「喬老師,你是否注意到了自己的工作方法了呢?」於是我問道。
她卻回答我道:「我當然注意了啊。」
這下反而讓我怔住了,想了想後才繼續去對她說道:「喬主任,我倒是最近才聽到有人來對我說過你工作方法上的問題,本來我還正想和你談談的。可能你剛到我們地方醫院還不大習慣我們這樣的模式,因為我們畢竟與軍隊有著完全的不同,大家對等級觀念不是那麼的強,很多事情需要商量著去辦,光憑直接的命令式的方法是行不通的。呵呵!其實這裡面的道理很簡單,如果下面的人沒有犯大的錯誤的話,即使是醫院的院長也拿他們沒辦法的,開除?處分?這些都是沒有依據的,最多也就是批評一下,可是批評又起什麼作用?關鍵的是他們心裡要覺得你批評得有道理。醫生和護士都是通過國家正規考試後得到了職業資格證書的,他們完全可以不理上面的領導,而我們也拿他們沒辦法。

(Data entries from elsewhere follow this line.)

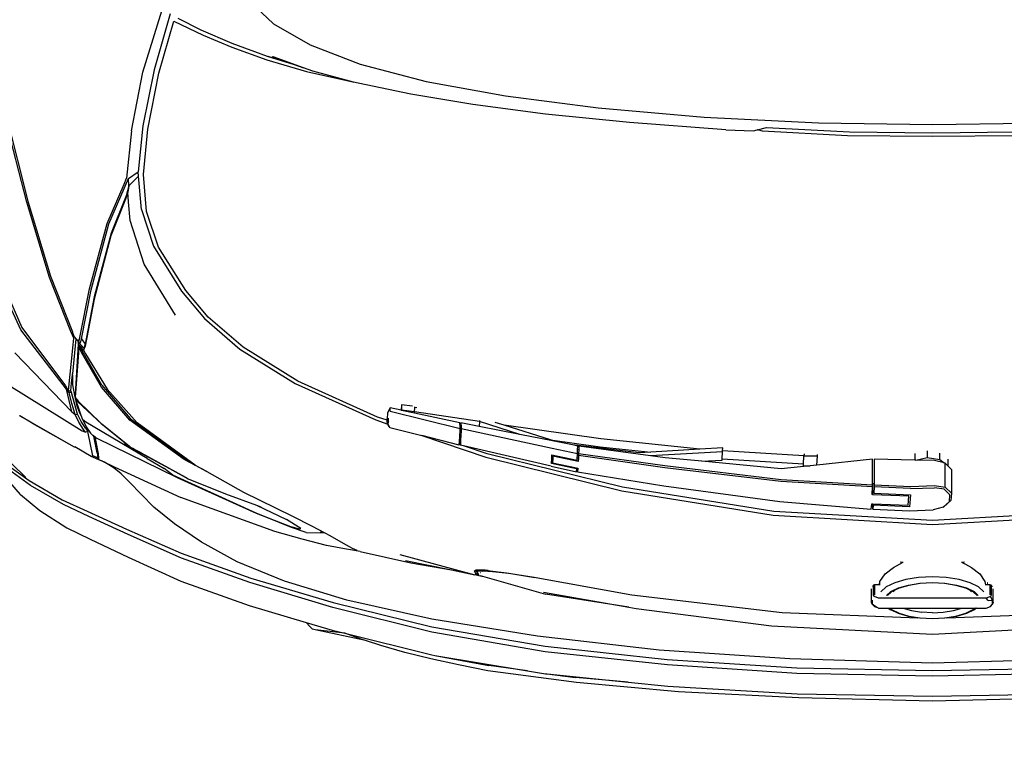
# Model space of a CAD drawing. Units: inches. Extents: x 1319 to 2030, y 219 to 1069.
# Tile 5 of 28: x 1434 to 1464, y 357 to 380. Entities that reach past the tile are written whole.
import ezdxf

# ---------------------------------------------------------------- set-up
doc = ezdxf.new("R2010")
doc.units = ezdxf.units.IN
doc.header["$MEASUREMENT"] = 0
doc.layers.get('0').update_dxf_attribs({"color": 12})
doc.layers.add('A-ANNO-DIMS', color=2, linetype='Continuous', lineweight=18)
doc.layers.add('C-PRKG-VEHC', color=8, linetype='Continuous', lineweight=13)
doc.layers.add('Edges', color=250, linetype='Continuous')
doc.styles.get("Standard").update_dxf_attribs({"font": 'arial.ttf'})
doc.dimstyles.get("Standard").update_dxf_attribs({"dimtxt": 7, "dimasz": 0.18, "dimexe": 0.18, "dimexo": 0.0625, "dimgap": 0.09, "dimtad": 0, "dimtih": 1, "dimtoh": 1, "dimzin": 0, "dimdsep": 46, "dimlunit": 3, "dimtxsty": 'Standard', "dimcen": 0.09, "dimadec": 0, "dimazin": 0, "dimtfac": 1, "dimtofl": 0, "dimtmove": 0, "dimatfit": 3, "dimfxl": 1, "dimtolj": 1, "dimtzin": 0, "dimarcsym": 0})

# ---------------------------------------------------------------- blocks, each defined once
blk = doc.blocks.new('Nissan Qashqai pl')
at = {"layer": 'Edges'}
for p, q in [((11.5166, 12.04708), (11.52386, 11.92208)), ((11.52698, 11.92208), (11.51964, 12.0475)), ((11.61327, 11.92208), (11.60675, 12.04892)), ((11.60051, 11.93346), (11.59629, 12.04057)), ((11.63292, 12.0344), (11.63628, 11.92208)), ((11.64211, 11.92208), (11.63993, 12.02899)), ((11.64437, 12.02886), (11.64655, 11.92208)), ((11.66226, 11.92208), (11.66041, 12.02874)), ((11.66349, 12.02738), (11.66628, 11.92208)), ((11.21164, 11.92208), (11.21014, 12.01197)), ((11.22044, 11.98904), (11.22108, 11.92208)), ((11.21801, 11.92208), (11.21745, 11.98742)), ((11.57261, 11.96533), (11.57261, 11.96561)), ((11.57306, 11.96528), (11.57306, 11.96569)), ((11.57479, 11.96843), (11.57457, 11.96768)), ((11.58239, 11.96768), (11.57457, 11.96768)), ((11.57457, 11.96768), (11.57457, 11.96395)), ((11.57617, 11.96938), (11.57479, 11.96843)), ((11.57479, 11.96843), (11.58262, 11.96843)), ((11.58846, 11.97008), (11.57758, 11.97008)), ((11.58262, 11.96843), (11.58377, 11.96782)), ((11.58668, 11.96947), (11.58377, 11.96782)), ((11.58377, 11.96782), (11.58513, 11.96453)), ((11.58679, 11.96604), (11.58513, 11.96453)), ((11.58679, 11.96604), (11.58668, 11.96947)), ((11.58961, 11.96947), (11.58668, 11.96947)), ((11.58846, 11.97008), (11.58961, 11.96947)), ((11.5915, 11.96782), (11.58961, 11.96947)), ((11.5915, 11.96782), (11.59043, 11.96839)), ((11.59285, 11.96453), (11.5915, 11.96782)), ((11.56082, 11.95281), (11.56588, 11.95938)), ((11.56588, 11.95938), (11.57195, 11.96347)), ((11.57195, 11.96347), (11.57457, 11.96395)), ((11.57613, 11.95845), (11.57286, 11.95178)), ((11.57457, 11.96395), (11.57457, 11.96378)), ((11.57994, 11.96265), (11.57613, 11.95845)), ((11.57987, 11.95487), (11.58291, 11.95821)), ((11.58513, 11.96453), (11.58513, 11.87963)), ((11.59285, 11.95694), (11.59285, 11.96453)), ((11.55816, 11.94815), (11.56082, 11.95281)), ((11.57286, 11.95178), (11.57035, 11.94308)), ((11.57692, 11.94885), (11.57987, 11.95487)), ((11.57876, 11.95169), (11.57712, 11.94834)), ((11.58001, 11.95424), (11.57876, 11.95169)), ((11.57876, 11.95169), (11.57995, 11.953)), ((11.58291, 11.95743), (11.58001, 11.95424)), ((11.59285, 11.95694), (11.59412, 11.95487)), ((11.59285, 11.95657), (11.59285, 11.95694)), ((11.59319, 11.9559), (11.59285, 11.95657)), ((11.59285, 11.95626), (11.59285, 11.95657)), ((11.59285, 11.95626), (11.59319, 11.9559)), ((11.59285, 11.95549), (11.59285, 11.95626)), ((11.59398, 11.95424), (11.59285, 11.95549)), ((11.59285, 11.94526), (11.59285, 11.95549)), ((11.59319, 11.9559), (11.59412, 11.95487)), ((11.59688, 11.94834), (11.59398, 11.95424)), ((11.59412, 11.95487), (11.59707, 11.94885)), ((11.55654, 11.94509), (11.55639, 11.94749)), ((11.55654, 11.94509), (11.55816, 11.94815)), ((11.57035, 11.94308), (11.56877, 11.93295)), ((11.57466, 11.94101), (11.57692, 11.94885)), ((11.57712, 11.94834), (11.5749, 11.94065)), ((11.59285, 11.8989), (11.59285, 11.94526)), ((11.59478, 11.93858), (11.59285, 11.94526)), ((11.5991, 11.94065), (11.59688, 11.94834)), ((11.59707, 11.94885), (11.59933, 11.94101)), ((11.48106, 11.93457), (11.47554, 11.93456)), ((11.48106, 11.93457), (11.4786, 11.93206)), ((11.48349, 11.93703), (11.48106, 11.93457)), ((11.48349, 11.93703), (11.50222, 11.93704)), ((11.49744, 11.93207), (11.50222, 11.93704)), ((11.50349, 11.93588), (11.49907, 11.93132)), ((11.50222, 11.93704), (11.50812, 11.93671)), ((11.50889, 11.93558), (11.50349, 11.93588)), ((11.50812, 11.93671), (11.51287, 11.9312)), ((11.50889, 11.93558), (11.51321, 11.93053)), ((11.57324, 11.93188), (11.57466, 11.94101)), ((11.5749, 11.94065), (11.5735, 11.93169)), ((11.59602, 11.93062), (11.59478, 11.93858)), ((11.60049, 11.93169), (11.5991, 11.94065)), ((11.59933, 11.94101), (11.60051, 11.93346)), ((11.47578, 11.92803), (11.47062, 11.92803)), ((11.47398, 11.91798), (11.47578, 11.92803)), ((11.47578, 11.92803), (11.4784, 11.93124)), ((11.4784, 11.93124), (11.47657, 11.92368)), ((11.4786, 11.93206), (11.4784, 11.93124)), ((11.49744, 11.93207), (11.4786, 11.93206)), ((11.49621, 11.92369), (11.49744, 11.93207)), ((11.49907, 11.93132), (11.49795, 11.92364)), ((11.51321, 11.93053), (11.51287, 11.9312)), ((11.51321, 11.93053), (11.51543, 11.92267)), ((11.56877, 11.93295), (11.56823, 11.92208)), ((11.57275, 11.92208), (11.57324, 11.93188)), ((11.5735, 11.93169), (11.57302, 11.92208)), ((11.59645, 11.92208), (11.59602, 11.93062)), ((11.60097, 11.92208), (11.60049, 11.93169)), ((11.60051, 11.93346), (11.60076, 11.93188)), ((11.60076, 11.93188), (11.60124, 11.92208)), ((11.21014, 11.8322), (11.21164, 11.92208)), ((11.21745, 11.85674), (11.21801, 11.92208)), ((11.22108, 11.92208), (11.22044, 11.85512)), ((11.47657, 11.92368), (11.47622, 11.90912)), ((11.49689, 11.90495), (11.49621, 11.92369)), ((11.49859, 11.9049), (11.49795, 11.92364)), ((11.51606, 11.90392), (11.51543, 11.92267)), ((11.52386, 11.92208), (11.5166, 11.79708)), ((11.51964, 11.79666), (11.52698, 11.92208)), ((11.56823, 11.92208), (11.56877, 11.91121)), ((11.57324, 11.91228), (11.57275, 11.92208)), ((11.57302, 11.92208), (11.5735, 11.91247)), ((11.59645, 11.92208), (11.59602, 11.91354)), ((11.60049, 11.91247), (11.60097, 11.92208)), ((11.60124, 11.92208), (11.60076, 11.91228)), ((11.60675, 11.79524), (11.61327, 11.92208)), ((11.63628, 11.92208), (11.63292, 11.80976)), ((11.63993, 11.81518), (11.64211, 11.92208)), ((11.64655, 11.92208), (11.64437, 11.8153)), ((11.66041, 11.81542), (11.66226, 11.92208)), ((11.66628, 11.92208), (11.66349, 11.81678)), ((11.46896, 11.91798), (11.47398, 11.91798)), ((11.47622, 11.90912), (11.47398, 11.91798)), ((11.56877, 11.91121), (11.57035, 11.90108)), ((11.57466, 11.90315), (11.57324, 11.91228)), ((11.5735, 11.91247), (11.5749, 11.90351)), ((11.59478, 11.90558), (11.59602, 11.91354)), ((11.5991, 11.90351), (11.60049, 11.91247)), ((11.60076, 11.91228), (11.60051, 11.91071)), ((11.47102, 11.90825), (11.4762, 11.90826)), ((11.4762, 11.90826), (11.47542, 11.87608)), ((11.47622, 11.90912), (11.4762, 11.90826)), ((11.49565, 11.87616), (11.49689, 11.90495)), ((11.49859, 11.9049), (11.49735, 11.87612)), ((11.50223, 11.8759), (11.50346, 11.90468)), ((11.50462, 11.90341), (11.50341, 11.87505)), ((11.50346, 11.90468), (11.51299, 11.90415)), ((11.51177, 11.90301), (11.50462, 11.90341)), ((11.51299, 11.90415), (11.51176, 11.87537)), ((11.51483, 11.87514), (11.51606, 11.90392)), ((11.5749, 11.90351), (11.57712, 11.89582)), ((11.59285, 11.8989), (11.59478, 11.90558)), ((11.59629, 11.80359), (11.60051, 11.91071)), ((11.59688, 11.89582), (11.5991, 11.90351)), ((11.60051, 11.91071), (11.59933, 11.90315)), ((11.51058, 11.87508), (11.51177, 11.90301)), ((11.55639, 11.89667), (11.55654, 11.89907)), ((11.55816, 11.89601), (11.55654, 11.89907)), ((11.56082, 11.89135), (11.55816, 11.89601)), ((11.57035, 11.90108), (11.57286, 11.89238)), ((11.57692, 11.89531), (11.57466, 11.90315)), ((11.57712, 11.89582), (11.57876, 11.89248)), ((11.59285, 11.88868), (11.59285, 11.8989)), ((11.59398, 11.88992), (11.59688, 11.89582)), ((11.59933, 11.90315), (11.59707, 11.89531)), ((11.56588, 11.88478), (11.56082, 11.89135)), ((11.57286, 11.89238), (11.57613, 11.88571)), ((11.57987, 11.88929), (11.57692, 11.89531)), ((11.57995, 11.89116), (11.57876, 11.89248)), ((11.57876, 11.89248), (11.58001, 11.88992)), ((11.58291, 11.88595), (11.57987, 11.88929)), ((11.58001, 11.88992), (11.58291, 11.88673)), ((11.59285, 11.88868), (11.59398, 11.88992)), ((11.59285, 11.88722), (11.59412, 11.88929)), ((11.59285, 11.8879), (11.59285, 11.88868)), ((11.59285, 11.88759), (11.59319, 11.88827)), ((11.59319, 11.88827), (11.59285, 11.8879)), ((11.59285, 11.88759), (11.59285, 11.8879)), ((11.59412, 11.88929), (11.59319, 11.88827)), ((11.59707, 11.89531), (11.59412, 11.88929)), ((11.57195, 11.88069), (11.56588, 11.88478)), ((11.57261, 11.88057), (11.57195, 11.88069)), ((11.57261, 11.88057), (11.57261, 11.88076)), ((11.57306, 11.88049), (11.57261, 11.88057)), ((11.57306, 11.88049), (11.57306, 11.88081)), ((11.57457, 11.88021), (11.57306, 11.88049)), ((11.57457, 11.88096), (11.57457, 11.88021)), ((11.57457, 11.88021), (11.57457, 11.87648)), ((11.57613, 11.88571), (11.57994, 11.88151)), ((11.59285, 11.88722), (11.59285, 11.88759)), ((11.59285, 11.87963), (11.59285, 11.88722)), ((11.49563, 11.87496), (11.47539, 11.87488)), ((11.47539, 11.87488), (11.4801, 11.83099)), ((11.47542, 11.87608), (11.49451, 11.87616)), ((11.49133, 11.80278), (11.49563, 11.87496)), ((11.49732, 11.87492), (11.49295, 11.80271)), ((11.49449, 11.87502), (11.49451, 11.87616)), ((11.50341, 11.87505), (11.49449, 11.87502)), ((11.49451, 11.87616), (11.49565, 11.87616)), ((11.49732, 11.87492), (11.49563, 11.87496)), ((11.49565, 11.87616), (11.49735, 11.87612)), ((11.50339, 11.87463), (11.49732, 11.87492)), ((11.49735, 11.87612), (11.50223, 11.8759)), ((11.50341, 11.87505), (11.50339, 11.87463)), ((11.50884, 11.80182), (11.5148, 11.87394)), ((11.51054, 11.87423), (11.51058, 11.87508)), ((11.5148, 11.87394), (11.51054, 11.87423)), ((11.51472, 11.8751), (11.51058, 11.87508)), ((11.51176, 11.87537), (11.51472, 11.87515)), ((11.51472, 11.87515), (11.51472, 11.8751)), ((11.51472, 11.87515), (11.51483, 11.87514)), ((11.51483, 11.87514), (11.51472, 11.8751)), ((11.57457, 11.87648), (11.58239, 11.87648)), ((11.57457, 11.87648), (11.57479, 11.87573)), ((11.58262, 11.87573), (11.57479, 11.87573)), ((11.57479, 11.87573), (11.57617, 11.87478)), ((11.58846, 11.87408), (11.57758, 11.87408)), ((11.58377, 11.87635), (11.58262, 11.87573)), ((11.58513, 11.87963), (11.58377, 11.87635)), ((11.58668, 11.87469), (11.58961, 11.87469)), ((11.58961, 11.87469), (11.58846, 11.87408)), ((11.58961, 11.87469), (11.5915, 11.87635)), ((11.59043, 11.87577), (11.58961, 11.87469)), ((11.59221, 11.87812), (11.59043, 11.87577)), ((11.59043, 11.87577), (11.5915, 11.87635)), ((11.5915, 11.87635), (11.59221, 11.87812)), ((11.59285, 11.87963), (11.59221, 11.87812)), ((11.2139, 11.7914), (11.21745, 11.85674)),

除非是讓他們覺得我們說的很有道理,而且最好是能夠從經濟上控制他們,比如他們確實做錯了某件事情,然後就扣獎金什麼的,但這樣也得讓他們心服口服才行啊。這就是我們地方醫院的情況。沒辦法。」
她頓時不說話了。
「喬主任,你覺得我說的對嗎?」我又對她說道。
她這才鬱郁地回答我道:「可能是我的方法有問題吧。以前我們軍隊醫院裡面都是這樣的。」
我笑道:「習慣了就好。老百姓和軍人的素質大不相同的。」
她神情黯然,「馮主任,大家是不是對我很有意見?」
我笑道:「那倒是不至於。其實大家都很理解你的,我也對她們說了,你很關心我們科室未來的發展的,這不?我也是今天才知道你的一些情況罷了。」
她說:「謝謝你的提醒。我自己好真的沒有注意自己這方面的問題。對了,晚上你有空沒有?我請你吃飯怎麼樣?」
我說:「以後吧,我們是同事,沒必要這麼客氣的。你說是嗎喬老師?」
「如果我以大姐的身份請你吃飯呢?」她笑著問我道。
我心裡記掛著唐孜的事情,「改天吧。今天我真的有其它的事情。」
她看著我,「好吧。那我先走了。」
這時候我手機響了起來,急忙去看,發現是餘敏打來的,於是即刻對喬丹說道:「我接電話,不送你了。」
她朝我笑,「究竟是誰這麼客氣呢?」
電話裡面傳來了餘敏的聲音,「我發給你的簡訊看到了沒有?」
「在忙,還沒有呢。」我回答說。
「你趕快看看吧。」她說,隨即就把電話給結束通話了。
我急忙去翻看簡訊,果然有一條:在省法醫鑑定所做的。下午去抽的血。他和孩子的。
急忙開車朝外面走去,中途的時候去銀行取了些錢然後裝在了隨身的小挎包裡面。想了想後又覺得不合適,隨即回家去找到了一樣東西出來。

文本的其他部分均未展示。